Parallelamente, mentre le discussioni sulla sicurezza delle API IA mostravano quanto i modelli siano ormai esposti a ogni tipo di attacco, Google spostava la frontiera ancora più in là. Gemini Robotics ER 2 non è solo il braccio che salda. È il cervello che decide cosa saldare e perché, un modello di alto livello che fa da supervisore a robot collaborativi. È un salto che trasforma l’operaio specializzato in un controllore di flotta, se va bene. Nella maggior parte dei casi, in un ex operaio.

La ricerca che non allucina e l’operaio che serve ancora?

C’è un altro tassello, meno visibile ma più profondo. Google ha mostrato il framework Science One, un prototipo di ricerca autonoma che costruisce catene di prove verificabili per eliminare le allucinazioni. Dentro quel prototipo c’è la Chain-of-Evidence, una struttura di verificabilità che trasforma l’AI in un ricercatore capace di argomentare, citare fonti e correggersi. Se un modello del genere esce dalla fase sperimentale e arriva nei settori tecnici — ingegneria, diagnostica, progettazione edile — stiamo parlando di un’intelligenza artificiale che non solo esegue, ma progetta. E che lo fa senza stancarsi, senza sindacato, senza corso di aggiornamento.

Chi scrive il software che costruirà case, ponti e impianti elettrici non sarà più un essere umano con un titolo di studio e una tuta blu. Delle due l’una: o l’operaio formato dall’Alleanza diventerà un supervisore di un processo che non capisce fino in fondo, oppure guarderà da lontano mentre i nuovi modelli Gemini — quelli che gli aggiornamenti IA di luglio 2026 definiscono più veloci, creativi e connessi a strumenti musicali e video — si prendono anche il lavoro intellettuale di chi quel lavoro lo immaginava.

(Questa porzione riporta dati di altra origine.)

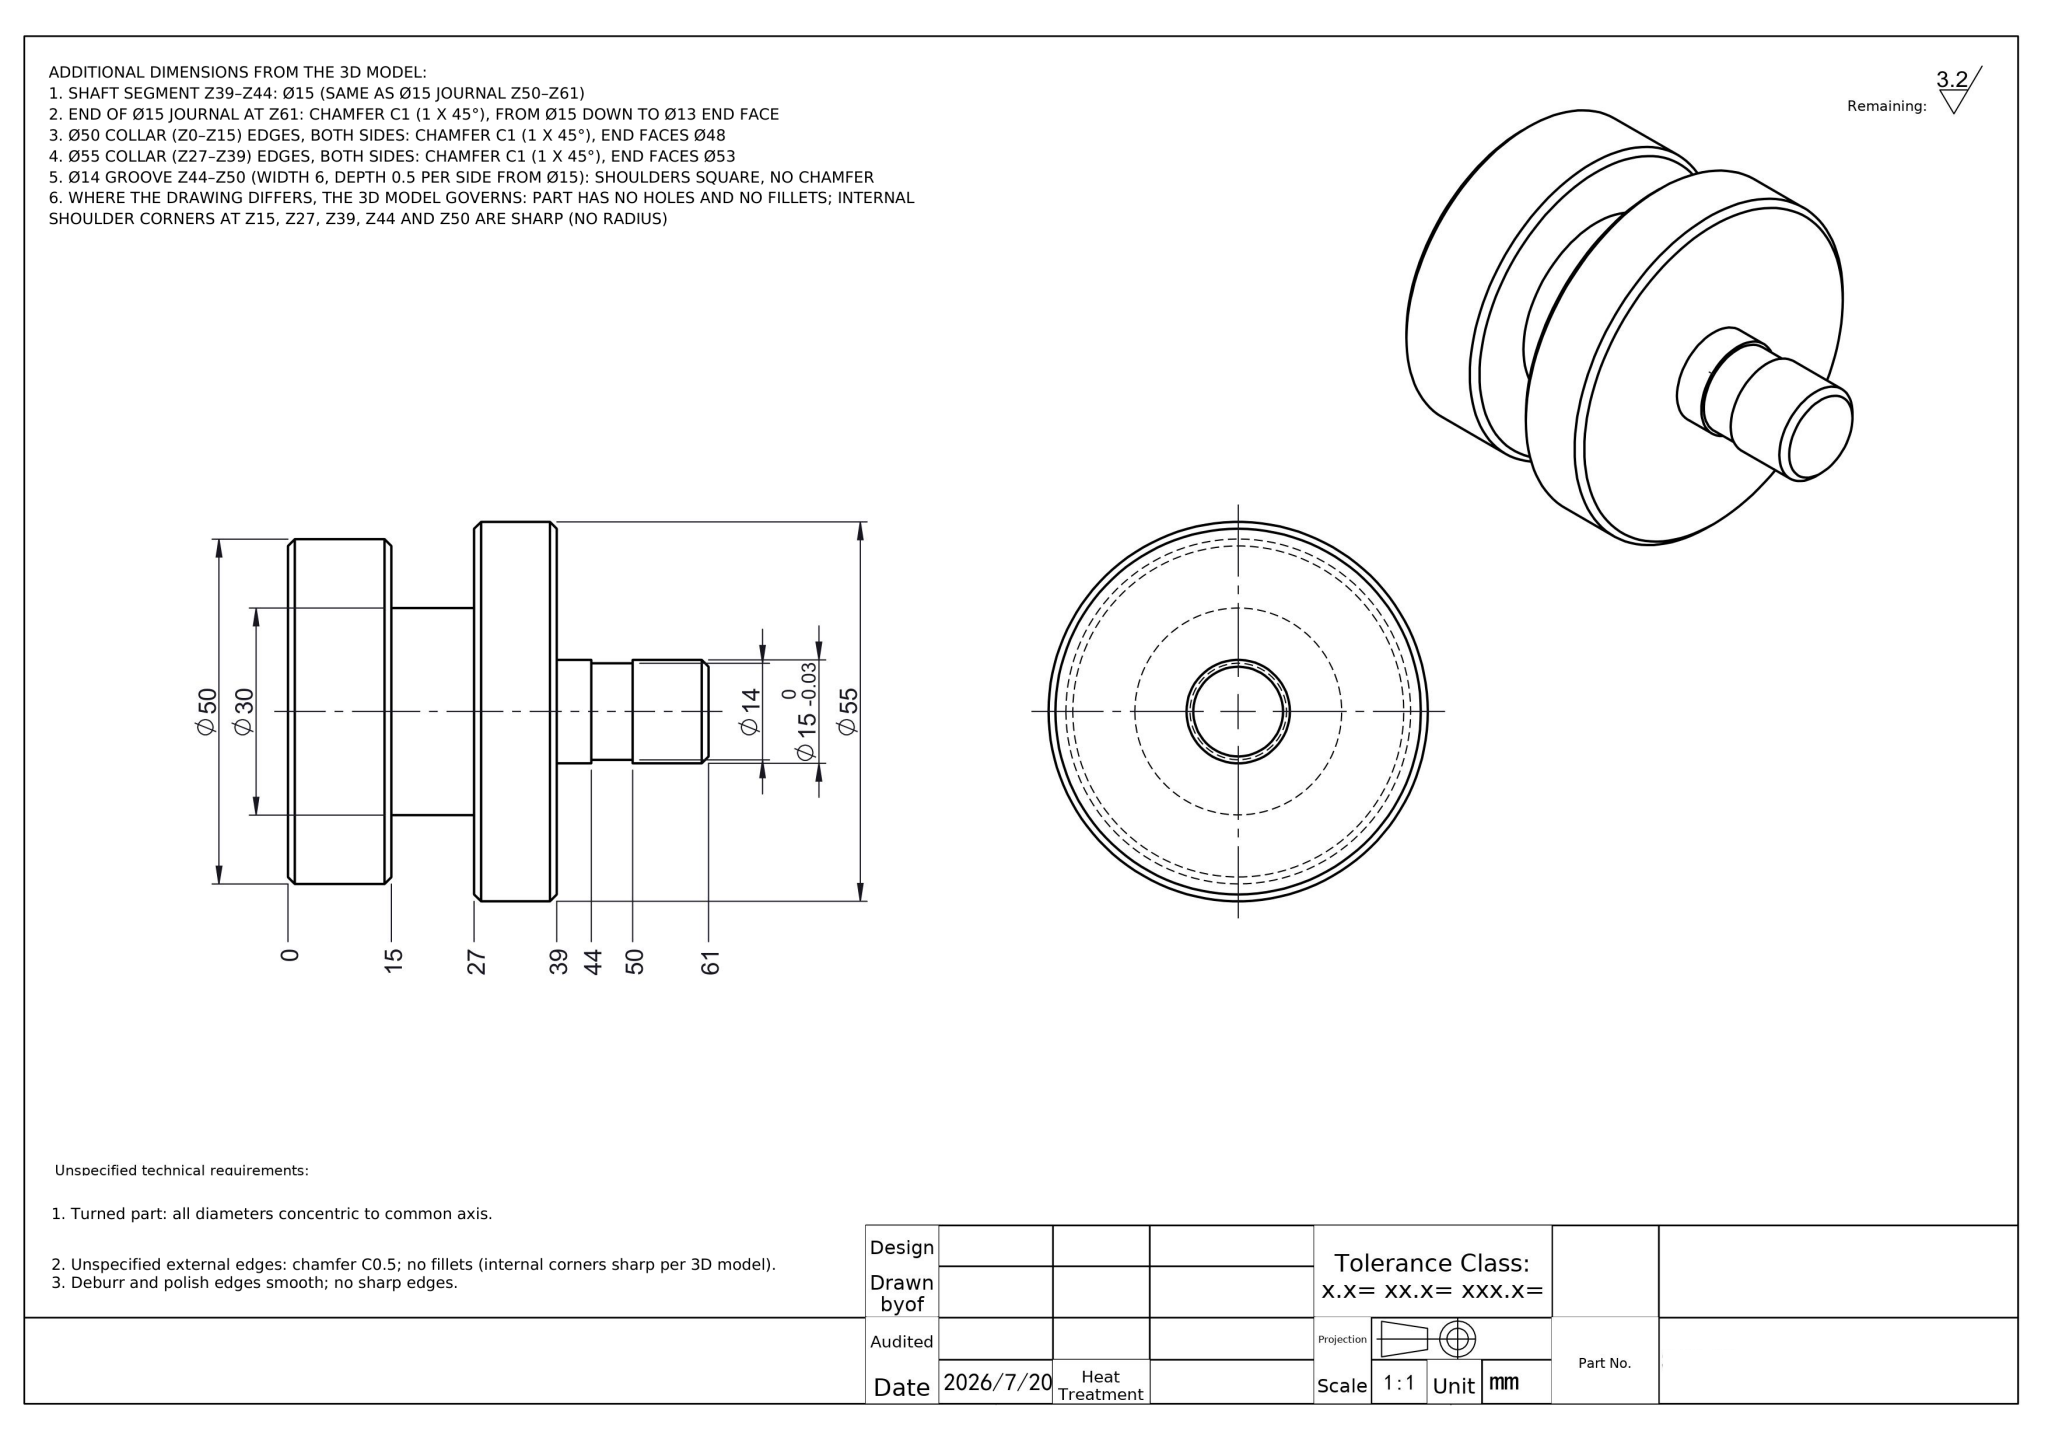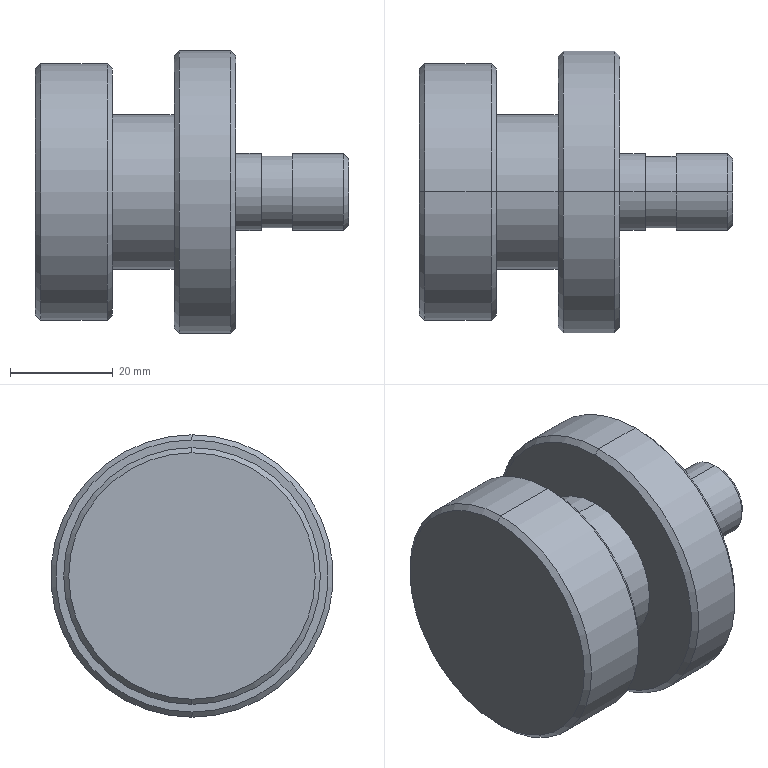Part | NX | mm | 1 solid | 29 faces | box 61 x 55 x 55 mm | volume 69848 mm3 | cylinder 12 | cone 10 | plane 7 | commonest cylinder face diameters 15 x4 14 x2 50 x2 30 x2 55 x2
STEP:
#1=CARTESIAN_POINT('',(39.,0.,-26.5));
#2=VERTEX_POINT('',#1);
#3=CARTESIAN_POINT('',(39.,0.,26.5));
#4=VERTEX_POINT('',#3);
#5=CARTESIAN_POINT('',(39.,0.,0.));
#6=DIRECTION('',(1.,0.,0.));
#7=DIRECTION('',(0.,0.,1.));
#8=AXIS2_PLACEMENT_3D('',#5,#6,#7);
#9=CIRCLE('',#8,26.5);
#10=EDGE_CURVE('',#2,#4,#9,.T.);
#11=ORIENTED_EDGE('',*,*,#10,.F.);
#12=CARTESIAN_POINT('',(38.,0.,-27.5));
#13=VERTEX_POINT('',#12);
#14=CARTESIAN_POINT('',(38.,0.,-27.5));
#15=DIRECTION('',(-0.7071,0.,-0.7071));
#16=VECTOR('',#15,1000.);
#17=LINE('',#14,#16);
#18=EDGE_CURVE('',#2,#13,#17,.T.);
#19=ORIENTED_EDGE('',*,*,#18,.T.);
#20=CARTESIAN_POINT('',(38.,0.,27.5));
#21=VERTEX_POINT('',#20);
#22=CARTESIAN_POINT('',(38.,0.,0.));
#23=DIRECTION('',(-1.,0.,0.));
#24=DIRECTION('',(0.,0.,1.));
#25=AXIS2_PLACEMENT_3D('',#22,#23,#24);
#26=CIRCLE('',#25,27.5);
#27=EDGE_CURVE('',#21,#13,#26,.T.);
#28=ORIENTED_EDGE('',*,*,#27,.F.);
#29=CARTESIAN_POINT('',(38.,0.,27.5));
#30=DIRECTION('',(-0.7071,0.,0.7071));
#31=VECTOR('',#30,1000.);
#32=LINE('',#29,#31);
#33=EDGE_CURVE('',#4,#21,#32,.T.);
#34=ORIENTED_EDGE('',*,*,#33,.F.);
#35=EDGE_LOOP('',(#11,#19,#28,#34));
#36=FACE_OUTER_BOUND('',#35,.T.);
#37=CARTESIAN_POINT('',(38.,0.,0.));
#38=DIRECTION('',(-1.,0.,0.));
#39=DIRECTION('',(0.,0.,1.));
#40=AXIS2_PLACEMENT_3D('',#37,#38,#39);
#41=CONICAL_SURFACE('',#40,27.5,0.7854);
#42=ADVANCED_FACE('',(#36),#41,.T.);
#43=CARTESIAN_POINT('',(61.,0.,-6.5));
#44=VERTEX_POINT('',#43);
#45=CARTESIAN_POINT('',(61.,0.,6.5));
#46=VERTEX_POINT('',#45);
#47=CARTESIAN_POINT('',(61.,0.,0.));
#48=DIRECTION('',(1.,0.,0.));
#49=DIRECTION('',(0.,0.,-1.));
#50=AXIS2_PLACEMENT_3D('',#47,#48,#49);
#51=CIRCLE('',#50,6.5);
#52=EDGE_CURVE('',#44,#46,#51,.T.);
#53=ORIENTED_EDGE('',*,*,#52,.F.);
#54=CARTESIAN_POINT('',(60.,0.,-7.5));
#55=VERTEX_POINT('',#54);
#56=CARTESIAN_POINT('',(61.,0.,-6.5));
#57=DIRECTION('',(-0.7071,0.,-0.7071));
#58=VECTOR('',#57,1000.);
#59=LINE('',#56,#58);
#60=EDGE_CURVE('',#44,#55,#59,.T.);
#61=ORIENTED_EDGE('',*,*,#60,.T.);
#62=CARTESIAN_POINT('',(60.,0.,7.5));
#63=VERTEX_POINT('',#62);
#64=CARTESIAN_POINT('',(60.,0.,0.));
#65=DIRECTION('',(-1.,0.,0.));
#66=DIRECTION('',(0.,0.,-1.));
#67=AXIS2_PLACEMENT_3D('',#64,#65,#66);
#68=CIRCLE('',#67,7.5);
#69=EDGE_CURVE('',#63,#55,#68,.T.);
#70=ORIENTED_EDGE('',*,*,#69,.F.);
#71=CARTESIAN_POINT('',(61.,0.,6.5));
#72=DIRECTION('',(-0.7071,0.,0.7071));
#73=VECTOR('',#72,1000.);
#74=LINE('',#71,#73);
#75=EDGE_CURVE('',#46,#63,#74,.T.);
#76=ORIENTED_EDGE('',*,*,#75,.F.);
#77=EDGE_LOOP('',(#53,#61,#70,#76));
#78=FACE_OUTER_BOUND('',#77,.T.);
#79=CARTESIAN_POINT('',(61.,0.,0.));
#80=DIRECTION('',(-1.,0.,0.));
#81=DIRECTION('',(0.,0.,1.));
#82=AXIS2_PLACEMENT_3D('',#79,#80,#81);
#83=CONICAL_SURFACE('',#82,6.5,0.7854);
#84=ADVANCED_FACE('',(#78),#83,.T.);
#85=ORIENTED_EDGE('',*,*,#69,.T.);
#86=CARTESIAN_POINT('',(50.,0.,-7.5));
#87=VERTEX_POINT('',#86);
#88=CARTESIAN_POINT('',(61.,0.,-7.5));
#89=DIRECTION('',(-1.,0.,0.));
#90=VECTOR('',#89,1000.);
#91=LINE('',#88,#90);
#92=EDGE_CURVE('',#55,#87,#91,.T.);
#93=ORIENTED_EDGE('',*,*,#92,.T.);
#94=CARTESIAN_POINT('',(50.,0.,7.5));
#95=VERTEX_POINT('',#94);
#96=CARTESIAN_POINT('',(50.,0.,0.));
#97=DIRECTION('',(1.,0.,0.));
#98=DIRECTION('',(0.,0.,-1.));
#99=AXIS2_PLACEMENT_3D('',#96,#97,#98);
#100=CIRCLE('',#99,7.5);
#101=EDGE_CURVE('',#87,#95,#100,.T.);
#102=ORIENTED_EDGE('',*,*,#101,.T.);
#103=CARTESIAN_POINT('',(61.,0.,7.5));
#104=DIRECTION('',(-1.,0.,0.));
#105=VECTOR('',#104,1000.);
#106=LINE('',#103,#105);
#107=EDGE_CURVE('',#63,#95,#106,.T.);
#108=ORIENTED_EDGE('',*,*,#107,.F.);
#109=EDGE_LOOP('',(#85,#93,#102,#108));
#110=FACE_OUTER_BOUND('',#109,.T.);
#111=CARTESIAN_POINT('',(61.,0.,0.));
#112=DIRECTION('',(-1.,0.,0.));
#113=DIRECTION('',(0.,0.,1.));
#114=AXIS2_PLACEMENT_3D('',#111,#112,#113);
#115=CYLINDRICAL_SURFACE('',#114,7.5);
#116=ADVANCED_FACE('',(#110),#115,.T.);
#117=CARTESIAN_POINT('',(50.,0.,-7.));
#118=VERTEX_POINT('',#117);
#119=CARTESIAN_POINT('',(50.,0.,7.));
#120=VERTEX_POINT('',#119);
#121=CARTESIAN_POINT('',(50.,0.,0.));
#122=DIRECTION('',(1.,0.,0.));
#123=DIRECTION('',(0.,0.,-1.));
#124=AXIS2_PLACEMENT_3D('',#121,#122,#123);
#125=CIRCLE('',#124,7.);
#126=EDGE_CURVE('',#118,#120,#125,.T.);
#127=ORIENTED_EDGE('',*,*,#126,.F.);
#128=CARTESIAN_POINT('',(44.,0.,-7.));
#129=VERTEX_POINT('',#128);
#130=CARTESIAN_POINT('',(50.,0.,-7.));
#131=DIRECTION('',(-1.,0.,0.));
#132=VECTOR('',#131,1000.);
#133=LINE('',#130,#132);
#134=EDGE_CURVE('',#118,#129,#133,.T.);
#135=ORIENTED_EDGE('',*,*,#134,.T.);
#136=CARTESIAN_POINT('',(44.,0.,7.));
#137=VERTEX_POINT('',#136);
#138=CARTESIAN_POINT('',(44.,0.,0.));
#139=DIRECTION('',(1.,0.,0.));
#140=DIRECTION('',(0.,0.,-1.));
#141=AXIS2_PLACEMENT_3D('',#138,#139,#140);
#142=CIRCLE('',#141,7.);
#143=EDGE_CURVE('',#129,#137,#142,.T.);
#144=ORIENTED_EDGE('',*,*,#143,.T.);
#145=CARTESIAN_POINT('',(50.,0.,7.));
#146=DIRECTION('',(-1.,0.,0.));
#147=VECTOR('',#146,1000.);
#148=LINE('',#145,#147);
#149=EDGE_CURVE('',#120,#137,#148,.T.);
#150=ORIENTED_EDGE('',*,*,#149,.F.);
#151=EDGE_LOOP('',(#127,#135,#144,#150));
#152=FACE_OUTER_BOUND('',#151,.T.);
#153=CARTESIAN_POINT('',(50.,0.,0.));
#154=DIRECTION('',(-1.,0.,0.));
#155=DIRECTION('',(0.,0.,1.));
#156=AXIS2_PLACEMENT_3D('',#153,#154,#155);
#157=CYLINDRICAL_SURFACE('',#156,7.);
#158=ADVANCED_FACE('',(#152),#157,.T.);
#159=CARTESIAN_POINT('',(27.,0.,26.5));
#160=VERTEX_POINT('',#159);
#161=CARTESIAN_POINT('',(27.,0.,-26.5));
#162=VERTEX_POINT('',#161);
#163=CARTESIAN_POINT('',(27.,0.,0.));
#164=DIRECTION('',(-1.,0.,0.));
#165=DIRECTION('',(0.,0.,-1.));
#166=AXIS2_PLACEMENT_3D('',#163,#164,#165);
#167=CIRCLE('',#166,26.5);
#168=EDGE_CURVE('',#160,#162,#167,.T.);
#169=ORIENTED_EDGE('',*,*,#168,.F.);
#170=CARTESIAN_POINT('',(28.,0.,27.5));
#171=VERTEX_POINT('',#170);
#172=CARTESIAN_POINT('',(27.,0.,26.5));
#173=DIRECTION('',(0.7071,0.,0.7071));
#174=VECTOR('',#173,1000.);
#175=LINE('',#172,#174);
#176=EDGE_CURVE('',#160,#171,#175,.T.);
#177=ORIENTED_EDGE('',*,*,#176,.T.);
#178=CARTESIAN_POINT('',(28.,0.,-27.5));
#179=VERTEX_POINT('',#178);
#180=CARTESIAN_POINT('',(28.,0.,0.));
#181=DIRECTION('',(1.,0.,0.));
#182=DIRECTION('',(0.,0.,-1.));
#183=AXIS2_PLACEMENT_3D('',#180,#181,#182);
#184=CIRCLE('',#183,27.5);
#185=EDGE_CURVE('',#179,#171,#184,.T.);
#186=ORIENTED_EDGE('',*,*,#185,.F.);
#187=CARTESIAN_POINT('',(27.,0.,-26.5));
#188=DIRECTION('',(0.7071,0.,-0.7071));
#189=VECTOR('',#188,1000.);
#190=LINE('',#187,#189);
#191=EDGE_CURVE('',#162,#179,#190,.T.);
#192=ORIENTED_EDGE('',*,*,#191,.F.);
#193=EDGE_LOOP('',(#169,#177,#186,#192));
#194=FACE_OUTER_BOUND('',#193,.T.);
#195=CARTESIAN_POINT('',(27.,0.,0.));
#196=DIRECTION('',(1.,0.,0.));
#197=DIRECTION('',(0.,0.,-1.));
#198=AXIS2_PLACEMENT_3D('',#195,#196,#197);
#199=CONICAL_SURFACE('',#198,26.5,0.7854);
#200=ADVANCED_FACE('',(#194),#199,.T.);
#201=CARTESIAN_POINT('',(-0.,0.,24.));
#202=VERTEX_POINT('',#201);
#203=CARTESIAN_POINT('',(-0.,0.,-24.));
#204=VERTEX_POINT('',#203);
#205=CARTESIAN_POINT('',(-0.,0.,0.));
#206=DIRECTION('',(-1.,0.,0.));
#207=DIRECTION('',(0.,0.,-1.));
#208=AXIS2_PLACEMENT_3D('',#205,#206,#207);
#209=CIRCLE('',#208,24.);
#210=EDGE_CURVE('',#202,#204,#209,.T.);
#211=ORIENTED_EDGE('',*,*,#210,.F.);
#212=CARTESIAN_POINT('',(1.,0.,25.));
#213=VERTEX_POINT('',#212);
#214=CARTESIAN_POINT('',(-0.,0.,24.));
#215=DIRECTION('',(0.7071,0.,0.7071));
#216=VECTOR('',#215,1000.);
#217=LINE('',#214,#216);
#218=EDGE_CURVE('',#202,#213,#217,.T.);
#219=ORIENTED_EDGE('',*,*,#218,.T.);
#220=CARTESIAN_POINT('',(1.,0.,-25.));
#221=VERTEX_POINT('',#220);
#222=CARTESIAN_POINT('',(1.,0.,0.));
#223=DIRECTION('',(1.,0.,0.));
#224=DIRECTION('',(0.,0.,-1.));
#225=AXIS2_PLACEMENT_3D('',#222,#223,#224);
#226=CIRCLE('',#225,25.);
#227=EDGE_CURVE('',#221,#213,#226,.T.);
#228=ORIENTED_EDGE('',*,*,#227,.F.);
#229=CARTESIAN_POINT('',(-0.,0.,-24.));
#230=DIRECTION('',(0.7071,0.,-0.7071));
#231=VECTOR('',#230,1000.);
#232=LINE('',#229,#231);
#233=EDGE_CURVE('',#204,#221,#232,.T.);
#234=ORIENTED_EDGE('',*,*,#233,.F.);
#235=EDGE_LOOP('',(#211,#219,#228,#234));
#236=FACE_OUTER_BOUND('',#235,.T.);
#237=CARTESIAN_POINT('',(-0.,0.,0.));
#238=DIRECTION('',(1.,0.,0.));
#239=DIRECTION('',(0.,0.,-1.));
#240=AXIS2_PLACEMENT_3D('',#237,#238,#239);
#241=CONICAL_SURFACE('',#240,24.,0.7854);
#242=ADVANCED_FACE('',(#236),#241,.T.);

Demis Hassabis ha parlato di un momento critico nella storia e la sua visione per questo passaggio non lascia spazio a letture tranquille: l’accelerazione è voluta, cercata, finanziata. L’Alleanza per i mestieri non è un contropiano. È un paracadute a bassa quota: quando il robot sarà così economico da rendere insostenibile la paga oraria di un saldatore, l’azienda potrà dire di averci provato. Di aver formato, di aver costruito pipeline, di aver dato opportunità.

Cosa resta da proteggere

La domanda secca è se esista uno spazio per il lavoro umano qualificato in un mondo dove i modelli di ragionamento incarnato imparano a riparare, costruire e decidere più in fretta di un apprendista. Forse sì, ma assomiglierà sempre meno al mestiere tramandato in officina e sempre più a un’interfaccia tra uomo e flotta di robot. Serviranno persone che sappiano negoziare con l’intelligenza artificiale, non che sappiano avvitare un bullone meglio di lei. E quelle persone non escono dai corsi sponsorizzati dall’Alleanza: escono da un ripensamento radicale di cosa significhi “competenza”.

Nei prossimi mesi occhi puntati su ATLAS: quando i dati di quello studio inizieranno a mostrare le prime correlazioni tra uso dell’IA e sostituzione di mansioni, il dibattito smetterà di essere filosofico. Diventerà una questione di busta paga. E a quel punto Google avrà già pronta la prossima iterazione di Gemini Spark, probabilmente capace di gestire la tua agenda, i tuoi acquisti e la manutenzione della tua caldaia. Senza bisogno di chiamare nessuno.